Angélica set up an altar with the objects she had retrieved from the river, placing them on a shelf in the main hall. In the center she put two seeds in the shape of a heart.

“I found them among the snails. I have never planted them. What if I bury them and they grow, and I lose my heart?”

Apart from the items on the shelf, there are not many other signs of what has been submerged in the dam. In that respect, the reservoir looks like the past. It is an inventory we cannot access, of which there is not always evidence, yet which we know exists, under the surface.

After saying goodbye to Acened, I make my way down to Cauca on a three-hour mule ride from her home. Junior, who lives nearby and acts as a guide, goes on ahead. The further we descend, the less clear the trail is, and it begins to be confused with the undergrowth. Only three years have passed since the flood, but the path to the river has practically been abandoned.

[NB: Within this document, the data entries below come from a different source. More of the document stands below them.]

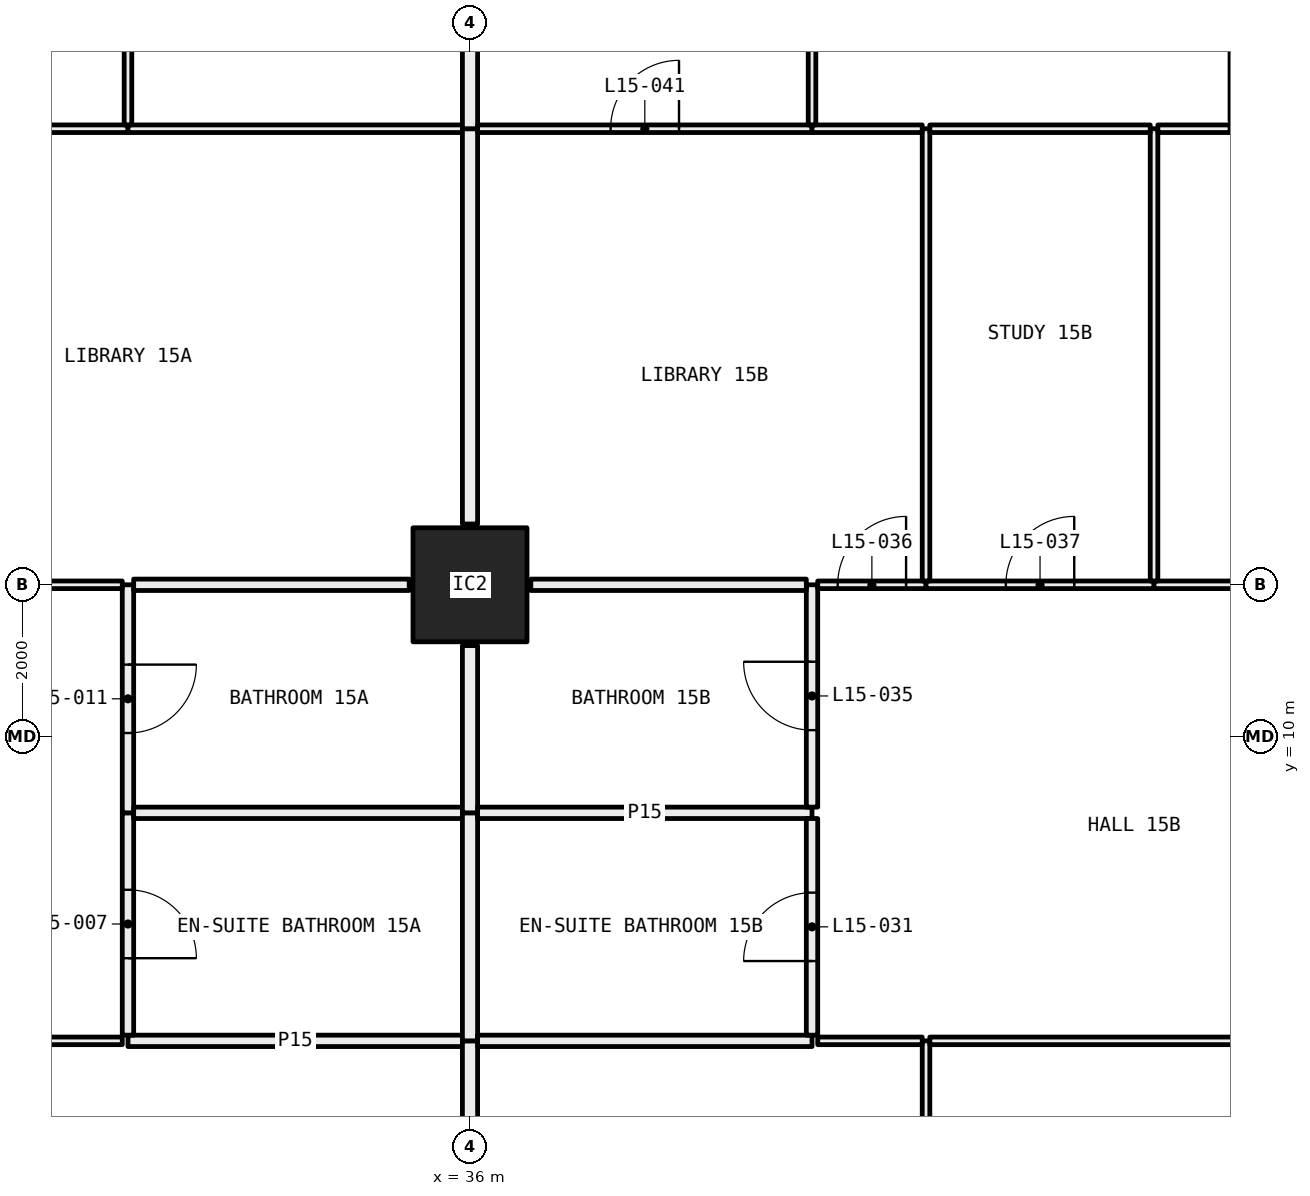
"""IFC4 building model, lengths in metres.
Left out: names, types, materials, properties, quantities, classifications, styles, units other than length and angle.
Written with IfcOpenShell. Run it as: python <this file> out.ifc"""

import sys

from ifc_helpers import new_model, si_unit, direction, frame, frame_2d, origin, origin_2d, place, context, subcontext, project, spatial, rectangle, hollow_rectangle, extrude, element, fill, save


model = new_model("IFC4")
c1 = context("Model", 3, precision=1e-05, world=origin(), true_north=direction((0.0, 1.0)))
c2 = subcontext(c1, "Body", "Model", "MODEL_VIEW")
j1 = project(units=[si_unit("LENGTHUNIT", "METRE"), si_unit("PLANEANGLEUNIT", "RADIAN")], contexts=[c1])
p1 = place(None, origin())
s1 = spatial("IfcSite", under=j1, at=p1, CompositionType="ELEMENT")
p2 = place(p1, origin())
s2 = spatial("IfcBuilding", under=s1, at=p2, CompositionType="ELEMENT")
p3 = place(p2, frame((0.0, 0.0, 64.5)))
s3 = spatial("IfcBuildingStorey", under=s2, at=p3, CompositionType="ELEMENT", Elevation=64.5)
p4 = place(p3, frame((36.0, 12.0, 0.0), z_axis=(0.0, 0.0, 1.0), x_axis=(1.0, 0.0, 0.0)))
e1 = element("IfcColumn", 1, at=p4, inside=s3, PredefinedType="COLUMN", context=c2, shape_type="SweptSolid", body=[
    extrude(hollow_rectangle(XDim=1.5, YDim=1.5, WallThickness=0.065, at=origin_2d()), origin(), (0.0, 0.0, 1.0), 3.05),
])
p5 = place(p3, frame((31.425, 6.0, 0.0), z_axis=(0.0, 0.0, 1.0), x_axis=(-1.0, 0.0, 0.0)))
e2 = element("IfcWall", 2, at=p5, inside=s3, PredefinedType="PARTITIONING", context=c2, shape_type="SweptSolid", body=[
    extrude(rectangle(XDim=1.375, YDim=0.1, at=frame_2d((0.688, 0.0))), origin(), (0.0, 0.0, 1.0), 3.05),
])
p6 = place(p3, frame((35.9, 6.0, 0.0), z_axis=(0.0, 0.0, 1.0), x_axis=(-1.0, 0.0, 0.0)))
e3 = element("IfcWall", 3, at=p6, inside=s3, PredefinedType="PARTITIONING", context=c2, shape_type="SweptSolid", body=[
    extrude(rectangle(XDim=4.4, YDim=0.15, at=frame_2d((2.2, 0.0))), origin(), (0.0, 0.0, 1.0), 3.05),
])
p7 = place(p3, frame((36.0, 0.72, 0.0), z_axis=(0.0, 0.0, 1.0), x_axis=(0.0, 1.0, 0.0)))
e4 = element("IfcWall", 4, at=p7, inside=s3, PredefinedType="PARTITIONING", context=c2, shape_type="SweptSolid", body=[
    extrude(rectangle(XDim=5.28, YDim=0.2, at=frame_2d((2.64, 0.0))), origin(), (0.0, 0.0, 1.0), 2.45),
])
p8 = place(p3, frame((31.5, 6.075, 0.0), z_axis=(0.0, 0.0, 1.0), x_axis=(0.0, 1.0, 0.0)))
e5 = element("IfcWall", 5, at=p8, inside=s3, PredefinedType="PARTITIONING", context=c2, shape_type="SweptSolid", body=[
    extrude(rectangle(XDim=2.925, YDim=0.15, at=frame_2d((1.462, 0.0))), origin(), (0.0, 0.0, 1.0), 3.05),
])
p9 = place(p8, frame((1.012, 0.0, 0.0)))
e6 = element("IfcOpeningElement", 6, at=p9, cuts=e5, PredefinedType="OPENING", context=c2, shape_type="SweptSolid", body=[
    extrude(rectangle(XDim=0.9, YDim=2.1, at=frame_2d((0.45, 1.05))), frame((0.0, 0.085, 0.0), z_axis=(0.0, -1.0, 0.0), x_axis=(1.0, 0.0, 0.0)), (0.0, 0.0, 1.0), 0.17),
])
p10 = place(p3, frame((31.5, 9.0, 0.0), z_axis=(0.0, 0.0, 1.0), x_axis=(0.0, 1.0, 0.0)))
e7 = element("IfcWall", 7, at=p10, inside=s3, PredefinedType="PARTITIONING", context=c2, shape_type="SweptSolid", body=[
    extrude(rectangle(XDim=3.0, YDim=0.15, at=frame_2d((1.5, 0.0))), origin(), (0.0, 0.0, 1.0), 2.45),
])
p11 = place(p10, frame((1.05, 0.0, 0.0)))
e8 = element("IfcOpeningElement", 8, at=p11, cuts=e7, PredefinedType="OPENING", context=c2, shape_type="SweptSolid", body=[
    extrude(rectangle(XDim=0.9, YDim=2.1, at=frame_2d((0.45, 1.05))), frame((0.0, 0.085, 0.0), z_axis=(0.0, -1.0, 0.0), x_axis=(1.0, 0.0, 0.0)), (0.0, 0.0, 1.0), 0.17),
])
p12 = place(p3, frame((31.425, 12.0, 0.0), z_axis=(0.0, 0.0, 1.0), x_axis=(-1.0, 0.0, 0.0)))
e9 = element("IfcWall", 9, at=p12, inside=s3, PredefinedType="PARTITIONING", context=c2, shape_type="SweptSolid", body=[
    extrude(rectangle(XDim=4.425, YDim=0.1, at=frame_2d((2.212, 0.0))), origin(), (0.0, 0.0, 1.0), 2.45),
])
p13 = place(p12, frame((1.762, 0.0, 0.0)))
e10 = element("IfcOpeningElement", 10, at=p13, cuts=e9, PredefinedType="OPENING", context=c2, shape_type="SweptSolid", body=[
    extrude(rectangle(XDim=0.9, YDim=2.1, at=frame_2d((0.45, 1.05))), frame((0.0, 0.06, 0.0), z_axis=(0.0, -1.0, 0.0), x_axis=(1.0, 0.0, 0.0)), (0.0, 0.0, 1.0), 0.12),
])
p14 = place(p3, frame((35.9, 9.0, 0.0), z_axis=(0.0, 0.0, 1.0), x_axis=(-1.0, 0.0, 0.0)))
e11 = element("IfcWall", 11, at=p14, inside=s3, PredefinedType="PARTITIONING", context=c2, shape_type="SweptSolid", body=[
    extrude(rectangle(XDim=4.325, YDim=0.15, at=frame_2d((2.163, 0.0))), origin(), (0.0, 0.0, 1.0), 3.05),
])
p15 = place(p3, frame((36.0, 6.0, 0.0), z_axis=(0.0, 0.0, 1.0), x_axis=(0.0, 1.0, 0.0)))
e12 = element("IfcWall", 12, at=p15, inside=s3, PredefinedType="PARTITIONING", context=c2, shape_type="SweptSolid", body=[
    extrude(rectangle(XDim=3.0, YDim=0.2, at=frame_2d((1.5, 0.0))), origin(), (0.0, 0.0, 1.0), 2.45),
])
p16 = place(p3, frame((35.2, 12.0, 0.0), z_axis=(0.0, 0.0, 1.0), x_axis=(-1.0, 0.0, 0.0)))
e13 = element("IfcWall", 13, at=p16, inside=s3, PredefinedType="PARTITIONING", context=c2, shape_type="SweptSolid", body=[
    extrude(rectangle(XDim=3.625, YDim=0.15, at=frame_2d((1.812, 0.0))), origin(), (0.0, 0.0, 1.0), 2.45),
])
p17 = place(p3, frame((36.0, 9.0, 0.0), z_axis=(0.0, 0.0, 1.0), x_axis=(0.0, 1.0, 0.0)))
e14 = element("IfcWall", 14, at=p17, inside=s3, PredefinedType="PARTITIONING", context=c2, shape_type="SweptSolid", body=[
    extrude(rectangle(XDim=2.2, YDim=0.2, at=frame_2d((1.1, 0.0))), origin(), (0.0, 0.0, 1.0), 2.45),
])
p18 = place(p3, frame((31.5, 18.0, 0.0), z_axis=(0.0, 0.0, 1.0), x_axis=(-1.0, 0.0, 0.0)))
e15 = element("IfcWall", 15, at=p18, inside=s3, PredefinedType="PARTITIONING", context=c2, shape_type="SweptSolid", body=[
    extrude(rectangle(XDim=4.45, YDim=0.1, at=frame_2d((2.225, 0.0))), origin(), (0.0, 0.0, 1.0), 3.05),
])
p19 = place(p18, frame((1.775, 0.0, 0.0)))
e16 = element("IfcOpeningElement", 16, at=p19, cuts=e15, PredefinedType="OPENING", context=c2, shape_type="SweptSolid", body=[
    extrude(rectangle(XDim=0.9, YDim=2.1, at=frame_2d((0.45, 1.05))), frame((0.0, 0.06, 0.0), z_axis=(0.0, -1.0, 0.0), x_axis=(1.0, 0.0, 0.0)), (0.0, 0.0, 1.0), 0.12),
])
p20 = place(p3, frame((35.9, 18.0, 0.0), z_axis=(0.0, 0.0, 1.0), x_axis=(-1.0, 0.0, 0.0)))
e17 = element("IfcWall", 17, at=p20, inside=s3, PredefinedType="PARTITIONING", context=c2, shape_type="SweptSolid", body=[
    extrude(rectangle(XDim=4.4, YDim=0.1, at=frame_2d((2.2, 0.0))), origin(), (0.0, 0.0, 1.0), 3.05),
])
p21 = place(p3, frame((36.0, 12.8, 0.0), z_axis=(0.0, 0.0, 1.0), x_axis=(0.0, 1.0, 0.0)))
e18 = element("IfcWall", 18, at=p21, inside=s3, PredefinedType="PARTITIONING", context=c2, shape_type="SweptSolid", body=[
    extrude(rectangle(XDim=5.2, YDim=0.2, at=frame_2d((2.6, 0.0))), origin(), (0.0, 0.0, 1.0), 2.45),
])
p22 = place(p3, frame((31.5, 18.05, 0.0), z_axis=(0.0, 0.0, 1.0), x_axis=(0.0, 1.0, 0.0)))
e19 = element("IfcWall", 19, at=p22, inside=s3, PredefinedType="PARTITIONING", context=c2, shape_type="SweptSolid", body=[
    extrude(rectangle(XDim=6.25, YDim=0.1, at=frame_2d((3.125, 0.0))), origin(), (0.0, 0.0, 1.0), 2.45),
])
p23 = place(p22, frame((2.675, 0.0, 0.0)))
e20 = element("IfcOpeningElement", 20, at=p23, cuts=e19, PredefinedType="OPENING", context=c2, shape_type="SweptSolid", body=[
    extrude(rectangle(XDim=0.9, YDim=2.1, at=frame_2d((0.45, 1.05))), frame((0.0, 0.06, 0.0), z_axis=(0.0, -1.0, 0.0), x_axis=(1.0, 0.0, 0.0)), (0.0, 0.0, 1.0), 0.12),
])
p24 = place(p3, frame((36.0, 18.0, 0.0), z_axis=(0.0, 0.0, 1.0), x_axis=(0.0, 1.0, 0.0)))
e21 = element("IfcWall", 21, at=p24, inside=s3, PredefinedType="PARTITIONING", context=c2, shape_type="SweptSolid", body=[
    extrude(rectangle(XDim=5.2, YDim=0.2, at=frame_2d((2.6, 0.0))), origin(), (0.0, 0.0, 1.0), 2.45),
])
p25 = place(p3, frame((42.0, 0.72, 0.0), z_axis=(0.0, 0.0, 1.0), x_axis=(0.0, 1.0, 0.0)))
e22 = element("IfcWall", 22, at=p25, inside=s3, PredefinedType="PARTITIONING", context=c2, shape_type="SweptSolid", body=[
    extrude(rectangle(XDim=5.28, YDim=0.1, at=frame_2d((2.64, 0.0))), origin(), (0.0, 0.0, 1.0), 3.05),
])
p26 = place(p25, frame((2.19, 0.0, 0.0)))
e23 = element("IfcOpeningElement", 23, at=p26, cuts=e22, PredefinedType="OPENING", context=c2, shape_type="SweptSolid", body=[
    extrude(rectangle(XDim=0.9, YDim=2.1, at=frame_2d((0.45, 1.05))), frame((0.0, 0.06, 0.0), z_axis=(0.0, -1.0, 0.0), x_axis=(1.0, 0.0, 0.0)), (0.0, 0.0, 1.0), 0.12),
])
p27 = place(p3, frame((40.5, 6.0, 0.0), z_axis=(0.0, 0.0, 1.0), x_axis=(-1.0, 0.0, 0.0)))
e24 = element("IfcWall", 24, at=p27, inside=s3, PredefinedType="PARTITIONING", context=c2, shape_type="SweptSolid", body=[
    extrude(rectangle(XDim=4.4, YDim=0.15, at=frame_2d((2.2, 0.0))), origin(), (0.0, 0.0, 1.0), 3.05),
])
p28 = place(p3, frame((41.95, 6.0, 0.0), z_axis=(0.0, 0.0, 1.0), x_axis=(-1.0, 0.0, 0.0)))
e25 = element("IfcWall", 25, at=p28, inside=s3, PredefinedType="PARTITIONING", context=c2, shape_type="SweptSolid", body=[
    extrude(rectangle(XDim=1.375, YDim=0.1, at=frame_2d((0.688, 0.0))), origin(), (0.0, 0.0, 1.0), 3.05),
])
p29 = place(p3, frame((48.195, 6.0, 0.0), z_axis=(0.0, 0.0, 1.0), x_axis=(-1.0, 0.0, 0.0)))
e26 = element("IfcWall", 26, at=p29, inside=s3, PredefinedType="PARTITIONING", context=c2, shape_type="SweptSolid", body=[
    extrude(rectangle(XDim=6.145, YDim=0.1, at=frame_2d((3.073, 0.0))), origin(), (0.0, 0.0, 1.0), 2.45),
])
p30 = place(p3, frame((40.5, 9.0, 0.0), z_axis=(0.0, 0.0, 1.0), x_axis=(-1.0, 0.0, 0.0)))
e27 = element("IfcWall", 27, at=p30, inside=s3, PredefinedType="PARTITIONING", context=c2, shape_type="SweptSolid", body=[
    extrude(rectangle(XDim=4.4, YDim=0.15, at=frame_2d((2.2, 0.0))), origin(), (0.0, 0.0, 1.0), 3.05),
])
p31 = place(p3, frame((40.5, 6.075, 0.0), z_axis=(0.0, 0.0, 1.0), x_axis=(0.0, 1.0, 0.0)))
e28 = element("IfcWall", 28, at=p31, inside=s3, PredefinedType="PARTITIONING", context=c2, shape_type="SweptSolid", body=[
    extrude(rectangle(XDim=2.85, YDim=0.15, at=frame_2d((1.425, 0.0))), origin(), (0.0, 0.0, 1.0), 3.05),
])
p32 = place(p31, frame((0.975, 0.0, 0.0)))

Junior has to clear the trail again with a machete. On the right, on the other side of the reservoir, you can see the parts of the mountain that have crumbled because of erosion. The dammed water, which conceals what is at the bottom, also exposes the earth, weakening it underneath and causing it to collapse.

Below, on the bank, the water is static, and makes no sound. After it was filled in, the Cauca became like a navigable lake, across which fishermen informally ferry civilians and sometimes armed groups that force them to take them: dissidents from the former guerrilla of the Revolutionary Armed Forces of Colombia (FARC)—who took up arms— and members of the Gulf Clan, a residual paramilitary group, who are fighting for control of the area.

We continue down to the riverbank for another ten minutes. There, hidden behind the undergrowth, are two EPM posters. The first, in the voice of the company, says: “Private property: water unsuitable for aquatic activities and fishing.” The second, in the voice of the river, says: “Be careful. I am the Cauca River, and my water could affect your health.”